Yes, I call it quick, compared to the history of music and musical temperaments as a whole. The opposition to ET in the west, while indeed significant, came almost entirely from the Catholic clergy due to superstitious reasons, and not lay musicians or composers. Given that the clergy were, until the end of the Renaissance period, the primary sponsors of composition and musical performance, it’s not surprising that it took a little while to catch on.

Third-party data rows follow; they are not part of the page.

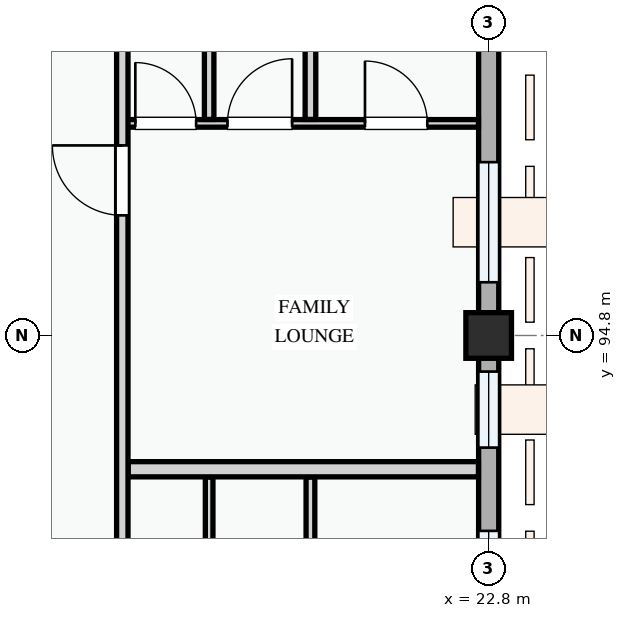
"""IFC4 building model, lengths in metres.
Left out: names, types, materials, properties, quantities, classifications, styles, units other than length and angle.
Written with IfcOpenShell. Run it as: python <this file> out.ifc"""

import sys

from ifc_helpers import new_model, si_unit, direction, frame, frame_2d, origin, origin_2d, place, context, subcontext, project, spatial, rectangle, extrude, element, fill, save


model = new_model("IFC4")
c1 = context("Model", 3, precision=1e-05, world=origin(), true_north=direction((0.0, 1.0)))
c2 = subcontext(c1, "Body", "Model", "MODEL_VIEW")
j1 = project(units=[si_unit("LENGTHUNIT", "METRE"), si_unit("PLANEANGLEUNIT", "RADIAN")], contexts=[c1])
p1 = place(None, origin())
s1 = spatial("IfcSite", under=j1, at=p1, CompositionType="ELEMENT")
p2 = place(p1, origin())
s2 = spatial("IfcBuilding", under=s1, at=p2, CompositionType="ELEMENT")
p3 = place(p2, frame((0.0, 0.0, 34.5)))
s3 = spatial("IfcBuildingStorey", under=s2, at=p3, CompositionType="ELEMENT", Elevation=34.5)
p4 = place(p3, frame((22.8, 94.8, 0.0), z_axis=(0.0, 0.0, 1.0), x_axis=(1.0, 0.0, 0.0)))
e1 = element("IfcColumn", 1, at=p4, inside=s3, PredefinedType="COLUMN", context=c2, shape_type="SweptSolid", body=[
    extrude(rectangle(XDim=0.6, YDim=0.6, at=origin_2d()), origin(), (0.0, 0.0, 1.0), 3.3),
])
p5 = place(p3, frame((22.8, 86.4, 0.0), z_axis=(0.0, 0.0, 1.0), x_axis=(0.0, 1.0, 0.0)))
e2 = element("IfcWall", 2, at=p5, inside=s3, PredefinedType="STANDARD", context=c2, shape_type="SweptSolid", body=[
    extrude(rectangle(XDim=8.4, YDim=0.265, at=frame_2d((4.2, 0.0))), origin(), (0.0, 0.0, 1.0), 2.425),
])
p6 = place(p5, frame((0.914, 0.0, 0.78)))
e3 = element("IfcOpeningElement", 3, at=p6, cuts=e2, PredefinedType="OPENING", context=c2, shape_type="SweptSolid", body=[
    extrude(rectangle(XDim=1.58, YDim=1.48, at=frame_2d((0.79, 0.74))), frame((0.0, 0.143, 0.0), z_axis=(0.0, -1.0, 0.0), x_axis=(1.0, 0.0, 0.0)), (0.0, 0.0, 1.0), 0.285),
])
p7 = place(p5, frame((4.029, 0.0, 0.78)))
e4 = element("IfcOpeningElement", 4, at=p7, cuts=e2, PredefinedType="OPENING", context=c2, shape_type="SweptSolid", body=[
    extrude(rectangle(XDim=1.8, YDim=1.5, at=frame_2d((0.9, 0.75))), frame((0.0, 0.143, 0.0), z_axis=(0.0, -1.0, 0.0), x_axis=(1.0, 0.0, 0.0)), (0.0, 0.0, 1.0), 0.285),
])
p8 = place(p5, frame((6.925, 0.0, 0.78)))
e5 = element("IfcOpeningElement", 5, at=p8, cuts=e2, PredefinedType="OPENING", context=c2, shape_type="SweptSolid", body=[
    extrude(rectangle(XDim=1.0, YDim=1.25, at=frame_2d((0.5, 0.625))), frame((0.0, 0.143, 0.0), z_axis=(0.0, -1.0, 0.0), x_axis=(1.0, 0.0, 0.0)), (0.0, 0.0, 1.0), 0.285),
])
p9 = place(p3, frame((22.8, 94.8, 0.0), z_axis=(0.0, 0.0, 1.0), x_axis=(0.0, 1.0, 0.0)))
e6 = element("IfcWall", 6, at=p9, inside=s3, PredefinedType="STANDARD", context=c2, shape_type="SweptSolid", body=[
    extrude(rectangle(XDim=6.0, YDim=0.265, at=frame_2d((3.0, 0.0))), origin(), (0.0, 0.0, 1.0), 2.575),
])
p10 = place(p9, frame((0.7, 0.0, 0.78)))
e7 = element("IfcOpeningElement", 7, at=p10, cuts=e6, PredefinedType="OPENING", context=c2, shape_type="SweptSolid", body=[
    extrude(rectangle(XDim=1.58, YDim=1.48, at=frame_2d((0.79, 0.74))), frame((0.0, 0.143, 0.0), z_axis=(0.0, -1.0, 0.0), x_axis=(1.0, 0.0, 0.0)), (0.0, 0.0, 1.0), 0.285),
])
p11 = place(p9, frame((3.75, 0.0, 0.78)))
e8 = element("IfcOpeningElement", 8, at=p11, cuts=e6, PredefinedType="OPENING", context=c2, shape_type="SweptSolid", body=[
    extrude(rectangle(XDim=1.1, YDim=1.3, at=frame_2d((0.55, 0.65))), frame((0.0, 0.143, 0.0), z_axis=(0.0, -1.0, 0.0), x_axis=(1.0, 0.0, 0.0)), (0.0, 0.0, 1.0), 0.285),
])
p12 = place(p3, frame((20.455, 89.683, 0.0), z_axis=(0.0, 0.0, 1.0), x_axis=(0.0, 1.0, 0.0)))
e9 = element("IfcWall", 9, at=p12, inside=s3, PredefinedType="PARTITIONING", context=c2, shape_type="SweptSolid", body=[
    extrude(rectangle(XDim=3.255, YDim=0.115, at=frame_2d((1.627, 0.0))), origin(), (0.0, 0.0, 1.0), 3.0),
])
p13 = place(p3, frame((19.122, 89.683, 0.0), z_axis=(0.0, 0.0, 1.0), x_axis=(0.0, 1.0, 0.0)))
e10 = element("IfcWall", 10, at=p13, inside=s3, PredefinedType="PARTITIONING", context=c2, shape_type="SweptSolid", body=[
    extrude(rectangle(XDim=3.255, YDim=0.1, at=frame_2d((1.627, 0.0))), origin(), (0.0, 0.0, 1.0), 3.0),
])
p14 = place(p3, frame((17.98, 97.59, 0.0), z_axis=(0.0, 0.0, 1.0), x_axis=(1.0, 0.0, 0.0)))
e11 = element("IfcWall", 11, at=p14, inside=s3, PredefinedType="PARTITIONING", context=c2, shape_type="SweptSolid", body=[
    extrude(rectangle(XDim=4.686, YDim=0.1, at=frame_2d((2.343, 0.0))), origin(), (0.0, 0.0, 1.0), 3.0),
])
p15 = place(p14, frame((0.171, 0.0, 0.0)))
e12 = element("IfcOpeningElement", 12, at=p15, cuts=e11, PredefinedType="OPENING", context=c2, shape_type="SweptSolid", body=[
    extrude(rectangle(XDim=0.8, YDim=2.1, at=frame_2d((0.4, 1.05))), frame((0.0, 0.06, 0.0), z_axis=(0.0, -1.0, 0.0), x_axis=(1.0, 0.0, 0.0)), (0.0, 0.0, 1.0), 0.12),
])
p16 = place(p14, frame((1.384, 0.0, 0.0)))
e13 = element("IfcOpeningElement", 13, at=p16, cuts=e11, PredefinedType="OPENING", context=c2, shape_type="SweptSolid", body=[
    extrude(rectangle(XDim=0.85, YDim=2.1, at=frame_2d((0.425, 1.05))), frame((0.0, 0.06, 0.0), z_axis=(0.0, -1.0, 0.0), x_axis=(1.0, 0.0, 0.0)), (0.0, 0.0, 1.0), 0.12),
])
p17 = place(p14, frame((3.193, 0.0, 0.0)))
e14 = element("IfcOpeningElement", 14, at=p17, cuts=e11, PredefinedType="OPENING", context=c2, shape_type="SweptSolid", body=[
    extrude(rectangle(XDim=0.82, YDim=2.08, at=frame_2d((0.41, 1.04))), frame((0.0, 0.06, 0.0), z_axis=(0.0, -1.0, 0.0), x_axis=(1.0, 0.0, 0.0)), (0.0, 0.0, 1.0), 0.12),
])
p18 = place(p3, frame((20.455, 97.642, 0.0), z_axis=(0.0, 0.0, 1.0), x_axis=(0.0, 1.0, 0.0)))
e15 = element("IfcWall", 15, at=p18, inside=s3, PredefinedType="PARTITIONING", context=c2, shape_type="SweptSolid", body=[
    extrude(rectangle(XDim=4.783, YDim=0.14, at=frame_2d((2.392, 0.0))), origin(), (0.0, 0.0, 1.0), 3.0),
])
p19 = place(p3, frame((19.122, 97.642, 0.0), z_axis=(0.0, 0.0, 1.0), x_axis=(0.0, 1.0, 0.0)))
e16 = element("IfcWall", 16, at=p19, inside=s3, PredefinedType="PARTITIONING", context=c2, shape_type="SweptSolid", body=[
    extrude(rectangle(XDim=4.783, YDim=0.125, at=frame_2d((2.392, 0.0))), origin(), (0.0, 0.0, 1.0), 3.0),
])
p20 = place(p3, frame((18.057, 93.04, 0.0), z_axis=(0.0, 0.0, 1.0), x_axis=(1.0, 0.0, 0.0)))
e17 = element("IfcWall", 17, at=p20, inside=s3, PredefinedType="PARTITIONING", context=c2, shape_type="SweptSolid", body=[
    extrude(rectangle(XDim=4.609, YDim=0.2, at=frame_2d((2.304, 0.0))), origin(), (0.0, 0.0, 1.0), 3.0),
])
p21 = place(p3, frame((17.98, 86.534, 0.0), z_axis=(0.0, 0.0, 1.0), x_axis=(0.0, 1.0, 0.0)))
e18 = element("IfcWall", 18, at=p21, inside=s3, PredefinedType="PARTITIONING", context=c2, shape_type="SweptSolid", body=[
    extrude(rectangle(XDim=22.806, YDim=0.15, at=frame_2d((11.403, 0.0))), origin(), (0.0, 0.0, 1.0), 3.0),
])
p22 = place(p21, frame((1.874, 0.0, 0.0)))
e19 = element("IfcOpeningElement", 19, at=p22, cuts=e18, PredefinedType="OPENING", context=c2, shape_type="SweptSolid", body=[
    extrude(rectangle(XDim=0.92, YDim=2.1, at=frame_2d((0.46, 1.05))), frame((0.0, 0.085, 0.0), z_axis=(0.0, -1.0, 0.0), x_axis=(1.0, 0.0, 0.0)), (0.0, 0.0, 1.0), 0.17),
])
p23 = place(p21, frame((9.846, 0.0, 0.0)))
e20 = element("IfcOpeningElement", 20, at=p23, cuts=e18, PredefinedType="OPENING", context=c2, shape_type="SweptSolid", body=[
    extrude(rectangle(XDim=0.92, YDim=2.1, at=frame_2d((0.46, 1.05))), frame((0.0, 0.085, 0.0), z_axis=(0.0, -1.0, 0.0), x_axis=(1.0, 0.0, 0.0)), (0.0, 0.0, 1.0), 0.17),
])
p24 = place(p21, frame((17.992, 0.0, 0.0)))
e21 = element("IfcOpeningElement", 21, at=p24, cuts=e18, PredefinedType="OPENING", context=c2, shape_type="SweptSolid", body=[
    extrude(rectangle(XDim=0.96, YDim=2.12, at=frame_2d((0.48, 1.06))), frame((0.0, 0.085, 0.0), z_axis=(0.0, -1.0, 0.0), x_axis=(1.0, 0.0, 0.0)), (0.0, 0.0, 1.0), 0.17),
])
p25 = place(p7, origin())
e22 = element("IfcWindow", 22, at=p25, inside=s3, PartitioningType="DOUBLE_PANEL_VERTICAL", PredefinedType="WINDOW", context=c2, shape_type="SweptSolid", body=[
    extrude(rectangle(XDim=1.8, YDim=1.5, at=frame_2d((0.9, 0.75))), frame((0.0, 0.03, 0.0), z_axis=(0.0, -1.0, 0.0), x_axis=(1.0, 0.0, 0.0)), (0.0, 0.0, 1.0), 0.06),
])
fill(e4, e22)
p26 = place(p8, origin())
e23 = element("IfcWindow", 23, at=p26, inside=s3, PartitioningType="SINGLE_PANEL", PredefinedType="WINDOW", context=c2, shape_type="SweptSolid", body=[
    extrude(rectangle(XDim=1.0, YDim=1.25, at=frame_2d((0.5, 0.625))), frame((0.0, 0.03, 0.0), z_axis=(0.0, -1.0, 0.0), x_axis=(1.0, 0.0, 0.0)), (0.0, 0.0, 1.0), 0.06),
])
fill(e5, e23)
p27 = place(p10, origin())
e24 = element("IfcWindow", 24, at=p27, inside=s3, PartitioningType="SINGLE_PANEL", PredefinedType="WINDOW", context=c2, shape_type="SweptSolid", body=[
    extrude(rectangle(XDim=1.58, YDim=1.48, at=frame_2d((0.79, 0.74))), frame((0.0, 0.03, 0.0), z_axis=(0.0, -1.0, 0.0), x_axis=(1.0, 0.0, 0.0)), (0.0, 0.0, 1.0), 0.06),
])
fill(e7, e24)
p28 = place(p15, origin())
e25 = element("IfcDoor", 25, at=p28, inside=s3, OperationType="SINGLE_SWING_LEFT", PredefinedType="DOOR", context=c2, shape_type="SweptSolid", body=[
    extrude(rectangle(XDim=0.8, YDim=2.1, at=frame_2d((0.4, 1.05))), frame((0.0, 0.025, 0.0), z_axis=(0.0, -1.0, 0.0), x_axis=(1.0, 0.0, 0.0)), (0.0, 0.0, 1.0), 0.05),
])
fill(e12, e25)
p29 = place(p16, origin())
e26 = element("IfcDoor", 26, at=p29, inside=s3, OperationType="SINGLE_SWING_RIGHT", PredefinedType="DOOR", context=c2, shape_type="SweptSolid", body=[
    extrude(rectangle(XDim=0.85, YDim=2.1, at=frame_2d((0.425, 1.05))), frame((0.0, 0.025, 0.0), z_axis=(0.0, -1.0, 0.0), x_axis=(1.0, 0.0, 0.0)), (0.0, 0.0, 1.0), 0.05),
])
fill(e13, e26)
p30 = place(p17, origin())
e27 = element("IfcDoor", 27, at=p30, inside=s3, OperationType="SINGLE_SWING_LEFT", PredefinedType="DOOR", context=c2, shape_type="SweptSolid", body=[
    extrude(rectangle(XDim=0.82, YDim=2.08, at=frame_2d((0.41, 1.04))), frame((0.0, 0.025, 0.0), z_axis=(0.0, -1.0, 0.0), x_axis=(1.0, 0.0, 0.0)), (0.0, 0.0, 1.0), 0.05),
])
fill(e14, e27)
p31 = place(p23, origin())
e28 = element("IfcDoor", 28, at=p31, inside=s3, OperationType="SINGLE_SWING_RIGHT", PredefinedType="DOOR", context=c2, shape_type="SweptSolid", body=[
    extrude(rectangle(XDim=0.92, YDim=2.1, at=frame_2d((0.46, 1.05))), frame((0.0, 0.025, 0.0), z_axis=(0.0, -1.0, 0.0), x_axis=(1.0, 0.0, 0.0)), (0.0, 0.0, 1.0), 0.05),
])
fill(e20, e28)
save(model, sys.argv[1])

There was also a significant shift in style that led to wider acceptance of ET. In particular, beginning with the baroque period, compositions focused more on complex melody, contrapuntal phrasing, and motif rather than the relatively simple harmonic phrasings of earlier Church music. The other side of the coin is Renaissance and baroque era folk music, which typically made use of only a small number of instruments and voices, and could therefore be played in a variety of pure tunings.
But putting together a versatile orchestra which can voice chromatic, diatonic melodies in any available timbre, and provide less perfect but adequate harmonies for them, without using equal temperament would be essentially impossible. And as this type of music became popular, ET became a necessity.
And it’s a good thing, too, because nearly all Western music we now enjoy is rooted in the music theory that was developed in the baroque and subsequent classical period.
Gee, thanks. I don’t know how the hell you get from my making a factual statement about the current primacy of equal-tempered tunings to me being an ignorant Amerikkkan cultural imperialist bastard, but I’m sure in your mind it makes perfect sense.
I would recommend learning a little more about the subject matter at hand instead of accusing others of cultural supremacy because they disagree with you.